Not hostile, but definitely the tone of a man who wasn’t used to taking orders—and was wary of obeying most of the ones he was given.
Danyal looked at the screened window above the chair where Lee sat.
“Because I would like to understand you better,” he said. “Because the room behind you is currently unoccupied and has a window that looks out onto the porch—and it gets the cooler night air. Because I could decide you are rational enough to be given that room and some privileges instead of being returned to an isolation cell after the evening meal.”

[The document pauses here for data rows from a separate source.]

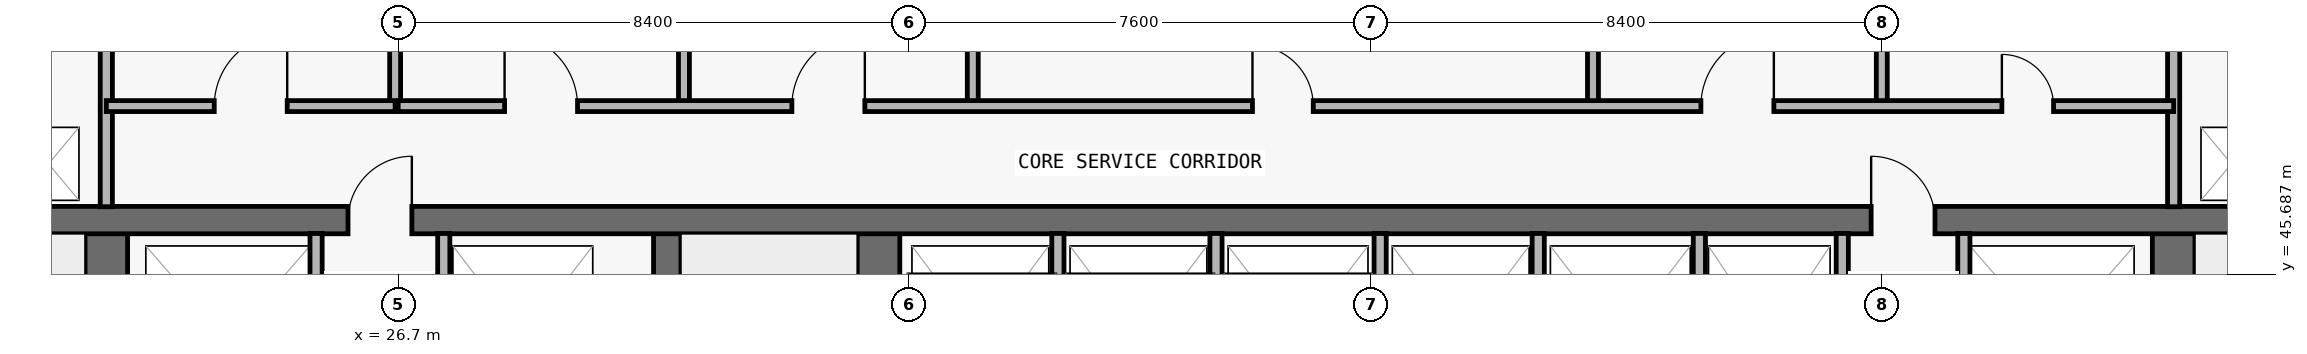
"""IFC4 building model, lengths in metres.
Left out: names, types, materials, properties, quantities, classifications, styles, units other than length and angle.
Written with IfcOpenShell. Run it as: python <this file> out.ifc"""

import sys

from ifc_helpers import new_model, si_unit, direction, frame, frame_2d, origin, place, context, subcontext, project, spatial, rectangle, extrude, element, fill, save


model = new_model("IFC4")
c1 = context("Model", 3, precision=1e-05, world=origin(), true_north=direction((0.0, 1.0)))
c2 = subcontext(c1, "Body", "Model", "MODEL_VIEW")
j1 = project(units=[si_unit("LENGTHUNIT", "METRE"), si_unit("PLANEANGLEUNIT", "RADIAN")], contexts=[c1])
p1 = place(None, origin())
s1 = spatial("IfcSite", under=j1, at=p1, CompositionType="ELEMENT")
p2 = place(p1, origin())
s2 = spatial("IfcBuilding", under=s1, at=p2, CompositionType="ELEMENT")
p3 = place(p2, frame((0.0, 0.0, 24.6)))
s3 = spatial("IfcBuildingStorey", under=s2, at=p3, CompositionType="ELEMENT", Elevation=24.6)
p4 = place(p3, frame((21.9, 36.9, 0.0), z_axis=(0.0, 0.0, 1.0), x_axis=(0.0, 1.0, 0.0)))
e1 = element("IfcWall", 1, at=p4, inside=s3, PredefinedType="SHEAR", context=c2, shape_type="SweptSolid", body=[
    extrude(rectangle(XDim=9.675, YDim=0.7, at=frame_2d((4.837, 0.0))), origin(), (0.0, 0.0, 1.0), 5.15),
])
p5 = place(p4, frame((0.65, 0.0, 0.0)))
e2 = element("IfcOpeningElement", 2, at=p5, cuts=e1, PredefinedType="OPENING", context=c2, shape_type="SweptSolid", body=[
    extrude(rectangle(XDim=1.1, YDim=2.15, at=frame_2d((0.55, 1.075))), frame((0.0, 0.36, 0.0), z_axis=(0.0, -1.0, 0.0), x_axis=(1.0, 0.0, 0.0)), (0.0, 0.0, 1.0), 0.72),
])
p6 = place(p3, frame((55.9, 36.9, 0.0), z_axis=(0.0, 0.0, 1.0), x_axis=(0.0, 1.0, 0.0)))
e3 = element("IfcWall", 3, at=p6, inside=s3, PredefinedType="SHEAR", context=c2, shape_type="SweptSolid", body=[
    extrude(rectangle(XDim=9.675, YDim=0.7, at=frame_2d((4.837, 0.0))), origin(), (0.0, 0.0, 1.0), 5.15),
])
p7 = place(p6, frame((0.65, 0.0, 0.0)))
e4 = element("IfcOpeningElement", 4, at=p7, cuts=e3, PredefinedType="OPENING", context=c2, shape_type="SweptSolid", body=[
    extrude(rectangle(XDim=1.1, YDim=2.15, at=frame_2d((0.55, 1.075))), frame((0.0, 0.36, 0.0), z_axis=(0.0, -1.0, 0.0), x_axis=(1.0, 0.0, 0.0)), (0.0, 0.0, 1.0), 0.72),
])
p8 = place(p3, frame((31.125, 36.9, 0.0), z_axis=(0.0, 0.0, 1.0), x_axis=(0.0, 1.0, 0.0)))
e5 = element("IfcWall", 5, at=p8, inside=s3, PredefinedType="SHEAR", context=c2, shape_type="SweptSolid", body=[
    extrude(rectangle(XDim=9.675, YDim=0.45, at=frame_2d((4.837, 0.0))), origin(), (0.0, 0.0, 1.0), 5.15),
])
p9 = place(p3, frame((34.6, 36.9, 0.0), z_axis=(0.0, 0.0, 1.0), x_axis=(0.0, 1.0, 0.0)))
e6 = element("IfcWall", 6, at=p9, inside=s3, PredefinedType="SHEAR", context=c2, shape_type="SweptSolid", body=[
    extrude(rectangle(XDim=9.675, YDim=0.7, at=frame_2d((4.837, 0.0))), origin(), (0.0, 0.0, 1.0), 5.15),
])
p10 = place(p3, frame((18.2, 46.575, 0.0), z_axis=(0.0, 0.0, 1.0), x_axis=(1.0, 0.0, 0.0)))
e7 = element("IfcWall", 7, at=p10, inside=s3, PredefinedType="SHEAR", context=c2, shape_type="SweptSolid", body=[
    extrude(rectangle(XDim=41.4, YDim=0.45, at=frame_2d((20.7, 0.0))), origin(), (0.0, 0.0, 1.0), 5.15),
])
p11 = place(p10, frame((7.675, 0.0, 0.0)))
e8 = element("IfcOpeningElement", 8, at=p11, cuts=e7, PredefinedType="OPENING", context=c2, shape_type="SweptSolid", body=[
    extrude(rectangle(XDim=1.05, YDim=2.15, at=frame_2d((0.525, 1.075))), frame((0.0, 0.235, 0.0), z_axis=(0.0, -1.0, 0.0), x_axis=(1.0, 0.0, 0.0)), (0.0, 0.0, 1.0), 0.47),
])
p12 = place(p10, frame((32.725, 0.0, 0.0)))
e9 = element("IfcOpeningElement", 9, at=p12, cuts=e7, PredefinedType="OPENING", context=c2, shape_type="SweptSolid", body=[
    extrude(rectangle(XDim=1.05, YDim=2.15, at=frame_2d((0.525, 1.075))), frame((0.0, 0.235, 0.0), z_axis=(0.0, -1.0, 0.0), x_axis=(1.0, 0.0, 0.0)), (0.0, 0.0, 1.0), 0.47),
])
p13 = place(p3, frame((21.9, 46.795, 0.0), z_axis=(0.0, 0.0, 1.0), x_axis=(0.0, 1.0, 0.0)))
e10 = element("IfcWall", 10, at=p13, inside=s3, PredefinedType="PARTITIONING", context=c2, shape_type="SweptSolid", body=[
    extrude(rectangle(XDim=3.06, YDim=0.2, at=frame_2d((1.53, 0.0))), origin(), (0.0, 0.0, 1.0), 5.15),
])
p14 = place(p3, frame((25.35, 43.17, 0.0), z_axis=(0.0, 0.0, 1.0), x_axis=(0.0, 1.0, 0.0)))
e11 = element("IfcWall", 11, at=p14, inside=s3, PredefinedType="PARTITIONING", context=c2, shape_type="SweptSolid", body=[
    extrude(rectangle(XDim=3.185, YDim=0.2, at=frame_2d((1.593, 0.0))), origin(), (0.0, 0.0, 1.0), 5.15),
])
p15 = place(p3, frame((26.65, 48.45, 0.0), z_axis=(0.0, 0.0, 1.0), x_axis=(0.0, 1.0, 0.0)))
e12 = element("IfcWall", 12, at=p15, inside=s3, PredefinedType="PARTITIONING", context=c2, shape_type="SweptSolid", body=[
    extrude(rectangle(XDim=1.405, YDim=0.18, at=frame_2d((0.703, 0.0))), origin(), (0.0, 0.0, 1.0), 5.15),
])
p16 = place(p3, frame((27.45, 43.17, 0.0), z_axis=(0.0, 0.0, 1.0), x_axis=(0.0, 1.0, 0.0)))
e13 = element("IfcWall", 13, at=p16, inside=s3, PredefinedType="PARTITIONING", context=c2, shape_type="SweptSolid", body=[
    extrude(rectangle(XDim=3.185, YDim=0.2, at=frame_2d((1.593, 0.0))), origin(), (0.0, 0.0, 1.0), 5.15),
])
for number, where, z_axis, x_axis in (
    (14, (31.4, 48.45, 0.0), (0.0, 0.0, 1.0), (0.0, 1.0, 0.0)),
    (15, (36.15, 48.45, 0.0), (0.0, 0.0, 1.0), (0.0, 1.0, 0.0)),
):
    element("IfcWall", number, at=place(p3, frame(where, z_axis=z_axis, x_axis=x_axis)), inside=s3, PredefinedType="PARTITIONING", context=c2, shape_type="SweptSolid", body=[
        extrude(rectangle(XDim=1.405, YDim=0.18, at=frame_2d((0.703, 0.0))), origin(), (0.0, 0.0, 1.0), 5.15),
    ])
for number, where, z_axis, x_axis in (
    (16, (37.55, 43.17, 0.0), (0.0, 0.0, 1.0), (0.0, 1.0, 0.0)),
    (17, (40.15, 43.17, 0.0), (0.0, 0.0, 1.0), (0.0, 1.0, 0.0)),
    (18, (42.85, 43.17, 0.0), (0.0, 0.0, 1.0), (0.0, 1.0, 0.0)),
    (19, (45.45, 43.17, 0.0), (0.0, 0.0, 1.0), (0.0, 1.0, 0.0)),
):
    element("IfcWall", number, at=place(p3, frame(where, z_axis=z_axis, x_axis=x_axis)), inside=s3, PredefinedType="PARTITIONING", context=c2, shape_type="SweptSolid", body=[
        extrude(rectangle(XDim=3.185, YDim=0.2, at=frame_2d((1.593, 0.0))), origin(), (0.0, 0.0, 1.0), 5.15),
    ])
p17 = place(p3, frame((46.35, 48.45, 0.0), z_axis=(0.0, 0.0, 1.0), x_axis=(0.0, 1.0, 0.0)))
e20 = element("IfcWall", 20, at=p17, inside=s3, PredefinedType="PARTITIONING", context=c2, shape_type="SweptSolid", body=[
    extrude(rectangle(XDim=1.405, YDim=0.18, at=frame_2d((0.703, 0.0))), origin(), (0.0, 0.0, 1.0), 5.15),
])
for number, where, z_axis, x_axis in (
    (21, (48.1, 43.17, 0.0), (0.0, 0.0, 1.0), (0.0, 1.0, 0.0)),
    (22, (50.45, 43.17, 0.0), (0.0, 0.0, 1.0), (0.0, 1.0, 0.0)),
):
    element("IfcWall", number, at=place(p3, frame(where, z_axis=z_axis, x_axis=x_axis)), inside=s3, PredefinedType="PARTITIONING", context=c2, shape_type="SweptSolid", body=[
        extrude(rectangle(XDim=3.185, YDim=0.2, at=frame_2d((1.593, 0.0))), origin(), (0.0, 0.0, 1.0), 5.15),
    ])
p18 = place(p3, frame((51.1, 48.45, 0.0), z_axis=(0.0, 0.0, 1.0), x_axis=(0.0, 1.0, 0.0)))
e23 = element("IfcWall", 23, at=p18, inside=s3, PredefinedType="PARTITIONING", context=c2, shape_type="SweptSolid", body=[
    extrude(rectangle(XDim=1.405, YDim=0.18, at=frame_2d((0.703, 0.0))), origin(), (0.0, 0.0, 1.0), 5.15),
])
p19 = place(p3, frame((52.45, 43.17, 0.0), z_axis=(0.0, 0.0, 1.0), x_axis=(0.0, 1.0, 0.0)))
e24 = element("IfcWall", 24, at=p19, inside=s3, PredefinedType="PARTITIONING", context=c2, shape_type="SweptSolid", body=[
    extrude(rectangle(XDim=3.185, YDim=0.2, at=frame_2d((1.593, 0.0))), origin(), (0.0, 0.0, 1.0), 5.15),
])
p20 = place(p3, frame((55.9, 46.795, 0.0), z_axis=(0.0, 0.0, 1.0), x_axis=(0.0, 1.0, 0.0)))
e25 = element("IfcWall", 25, at=p20, inside=s3, PredefinedType="PARTITIONING", context=c2, shape_type="SweptSolid", body=[
    extrude(rectangle(XDim=3.06, YDim=0.2, at=frame_2d((1.53, 0.0))), origin(), (0.0, 0.0, 1.0), 5.15),
])
p21 = place(p3, frame((21.9, 48.45, 0.0), z_axis=(0.0, 0.0, 1.0), x_axis=(1.0, 0.0, 0.0)))
e26 = element("IfcWall", 26, at=p21, inside=s3, PredefinedType="PARTITIONING", context=c2, shape_type="SweptSolid", body=[
    extrude(rectangle(XDim=4.75, YDim=0.18, at=frame_2d((2.375, 0.0))), origin(), (0.0, 0.0, 1.0), 5.15),
])
p22 = place(p21, frame((1.775, 0.0, 0.0)))
e27 = element("IfcOpeningElement", 27, at=p22, cuts=e26, PredefinedType="OPENING", context=c2, shape_type="SweptSolid", body=[
    extrude(rectangle(XDim=1.2, YDim=2.2, at=frame_2d((0.6, 1.1))), frame((0.0, 0.1, 0.0), z_axis=(0.0, -1.0, 0.0), x_axis=(1.0, 0.0, 0.0)), (0.0, 0.0, 1.0), 0.2),
])
p23 = place(p3, frame((26.7, 48.45, 0.0), z_axis=(0.0, 0.0, 1.0), x_axis=(1.0, 0.0, 0.0)))
e28 = element("IfcWall", 28, at=p23, inside=s3, PredefinedType="PARTITIONING", context=c2, shape_type="SweptSolid", body=[
    extrude(rectangle(XDim=29.2, YDim=0.18, at=frame_2d((14.6, 0.0))), origin(), (0.0, 0.0, 1.0), 5.15),
])
p24 = place(p23, frame((1.75, 0.0, 0.0)))
e29 = element("IfcOpeningElement", 29, at=p24, cuts=e28, PredefinedType="OPENING", context=c2, shape_type="SweptSolid", body=[
    extrude(rectangle(XDim=1.2, YDim=2.2, at=frame_2d((0.6, 1.1))), frame((0.0, 0.1, 0.0), z_axis=(0.0, -1.0, 0.0), x_axis=(1.0, 0.0, 0.0)), (0.0, 0.0, 1.0), 0.2),
])
p25 = place(p23, frame((6.475, 0.0, 0.0)))
e30 = element("IfcOpeningElement", 30, at=p25, cuts=e28, PredefinedType="OPENING", context=c2, shape_type="SweptSolid", body=[
    extrude(rectangle(XDim=1.2, YDim=2.2, at=frame_2d((0.6, 1.1))), frame((0.0, 0.1, 0.0), z_axis=(0.0, -1.0, 0.0), x_axis=(1.0, 0.0, 0.0)), (0.0, 0.0, 1.0), 0.2),
])
p26 = place(p23, frame((14.05, 0.0, 0.0)))
e31 = element("IfcOpeningElement", 31, at=p26, cuts=e28, PredefinedType="OPENING", context=c2, shape_type="SweptSolid", body=[
    extrude(rectangle(XDim=1.0, YDim=2.2, at=frame_2d((0.5, 1.1))), frame((0.0, 0.1, 0.0), z_axis=(0.0, -1.0, 0.0), x_axis=(1.0, 0.0, 0.0)), (0.0, 0.0, 1.0), 0.2),
])
p27 = place(p23, frame((21.425, 0.0, 0.0)))
e32 = element("IfcOpeningElement", 32, at=p27, cuts=e28, PredefinedType="OPENING", context=c2, shape_type="SweptSolid", body=[
    extrude(rectangle(XDim=1.2, YDim=2.2, at=frame_2d((0.6, 1.1))), frame((0.0, 0.1, 0.0), z_axis=(0.0, -1.0, 0.0), x_axis=(1.0, 0.0, 0.0)), (0.0, 0.0, 1.0), 0.2),
])
p28 = place(p23, frame((26.375, 0.0, 0.0)))
e33 = element("IfcOpeningElement", 33, at=p28, cuts=e28, PredefinedType="OPENING", context=c2, shape_type="SweptSolid", body=[
    extrude(rectangle(XDim=0.85, YDim=2.1, at=frame_2d((0.425, 1.05))), frame((0.0, 0.1, 0.0), z_axis=(0.0, -1.0, 0.0), x_axis=(1.0, 0.0, 0.0)), (0.0, 0.0, 1.0), 0.2),
])
p29 = place(p11, origin())
e34 = element("IfcDoor", 34, at=p29, inside=s3, OperationType="SINGLE_SWING_RIGHT", PredefinedType="DOOR", context=c2, shape_type="SweptSolid", body=[
    extrude(rectangle(XDim=1.05, YDim=2.15, at=frame_2d((0.525, 1.075))), frame((0.0, 0.025, 0.0), z_axis=(0.0, -1.0, 0.0), x_axis=(1.0, 0.0, 0.0)), (0.0, 0.0, 1.0), 0.05),
])
fill(e8, e34)
p30 = place(p12, origin())
e35 = element("IfcDoor", 35, at=p30, inside=s3, OperationType="SINGLE_SWING_LEFT", PredefinedType="DOOR", context=c2, shape_type="SweptSolid", body=[
    extrude(rectangle(XDim=1.05, YDim=2.15, at=frame_2d((0.525, 1.075))), frame((0.0, 0.025, 0.0), z_axis=(0.0, -1.0, 0.0), x_axis=(1.0, 0.0, 0.0)), (0.0, 0.0, 1.0), 0.05),
])
fill(e9, e35)
p31 = place(p22, origin())
e36 = element("IfcDoor", 36, at=p31, inside=s3, OperationType="SINGLE_SWING_RIGHT", PredefinedType="DOOR", context=c2, shape_type="SweptSolid", body=[
    extrude(rectangle(XDim=1.2, YDim=2.2, at=frame_2d((0.6, 1.1))), frame((0.0, 0.025, 0.0), z_axis=(0.0, -1.0, 0.0), x_axis=(1.0, 0.0, 0.0)), (0.0, 0.0, 1.0), 0.05),
])
fill(e27, e36)
p32 = place(p24, origin())
e37 = element("IfcDoor", 37, at=p32, inside=s3, OperationType="SINGLE_SWING_LEFT", PredefinedType="DOOR", context=c2, shape_type="SweptSolid", body=[
    extrude(rectangle(XDim=1.2, YDim=2.2, at=frame_2d((0.6, 1.1))), frame((0.0, 0.025, 0.0), z_axis=(0.0, -1.0, 0.0), x_axis=(1.0, 0.0, 0.0)), (0.0, 0.0, 1.0), 0.05),
])
fill(e29, e37)
p33 = place(p25, origin())
e38 = element("IfcDoor", 38, at=p33, inside=s3, OperationType="SINGLE_SWING_RIGHT", PredefinedType="DOOR", context=c2, shape_type="SweptSolid", body=[
    extrude(rectangle(XDim=1.2, YDim=2.2, at=frame_2d((0.6, 1.1))), frame((0.0, 0.025, 0.0), z_axis=(0.0, -1.0, 0.0), x_axis=(1.0, 0.0, 0.0)), (0.0, 0.0, 1.0), 0.05),
])
fill(e30, e38)
p34 = place(p26, origin())
e39 = element("IfcDoor", 39, at=p34, inside=s3, OperationType="SINGLE_SWING_LEFT", PredefinedType="DOOR", context=c2, shape_type="SweptSolid", body=[
    extrude(rectangle(XDim=1.0, YDim=2.2, at=frame_2d((0.5, 1.1))), frame((0.0, 0.025, 0.0), z_axis=(0.0, -1.0, 0.0), x_axis=(1.0, 0.0, 0.0)), (0.0, 0.0, 1.0), 0.05),
])
fill(e31, e39)
p35 = place(p27, origin())
e40 = element("IfcDoor", 40, at=p35, inside=s3, OperationType="SINGLE_SWING_RIGHT", PredefinedType="DOOR", context=c2, shape_type="SweptSolid", body=[
    extrude(rectangle(XDim=1.2, YDim=2.2, at=frame_2d((0.6, 1.1))), frame((0.0, 0.025, 0.0), z_axis=(0.0, -1.0, 0.0), x_axis=(1.0, 0.0, 0.0)), (0.0, 0.0, 1.0), 0.05),
])
fill(e32, e40)
p36 = place(p28, origin())
e41 = element("IfcDoor", 41, at=p36, inside=s3, OperationType="SINGLE_SWING_LEFT", PredefinedType="DOOR", context=c2, shape_type="SweptSolid", body=[
    extrude(rectangle(XDim=0.85, YDim=2.1, at=frame_2d((0.425, 1.05))), frame((0.0, 0.025, 0.0), z_axis=(0.0, -1.0, 0.0), x_axis=(1.0, 0.0, 0.0)), (0.0, 0.0, 1.0), 0.05),
])
fill(e33, e41)
save(model, sys.argv[1])

“Be lazy and stay in isolation or take a walk and get a real room.” Lee swung his legs off the lounge chair and got to his feet. “You drive a hard bargain, Shaman. You’re an amateur compared to my mother, but still, you drive a hard bargain.”
“Put on your glasses, then take my arm,” Danyal said. After Lee put on the dark glasses and wrapped a hand around Danyal’s upper arm, they headed toward one of the porch doors that opened onto the grounds. Danyal nodded to Nik, who unlocked the door and held it open for them. “Two steps down.”
They navigated the steps, then headed off on one of the paths toward the decorative water garden that was shaded by palm trees—a mystery whose sudden appearance had startled the groundskeepers and unsettled him.
“Waterfall?” Lee asked when they paused.
“A created one,” Danyal replied. “And a clever one. The cascade of water over a series of stone ledges produces a restful, pleasing sound. A small windmill drives the pump that circulates the water. It has a crank, so when there is no wind, it can be manually turned. There are plants in and around the water that the groundskeepers are not familiar with, as well as several gold and white fish with long, graceful tails.”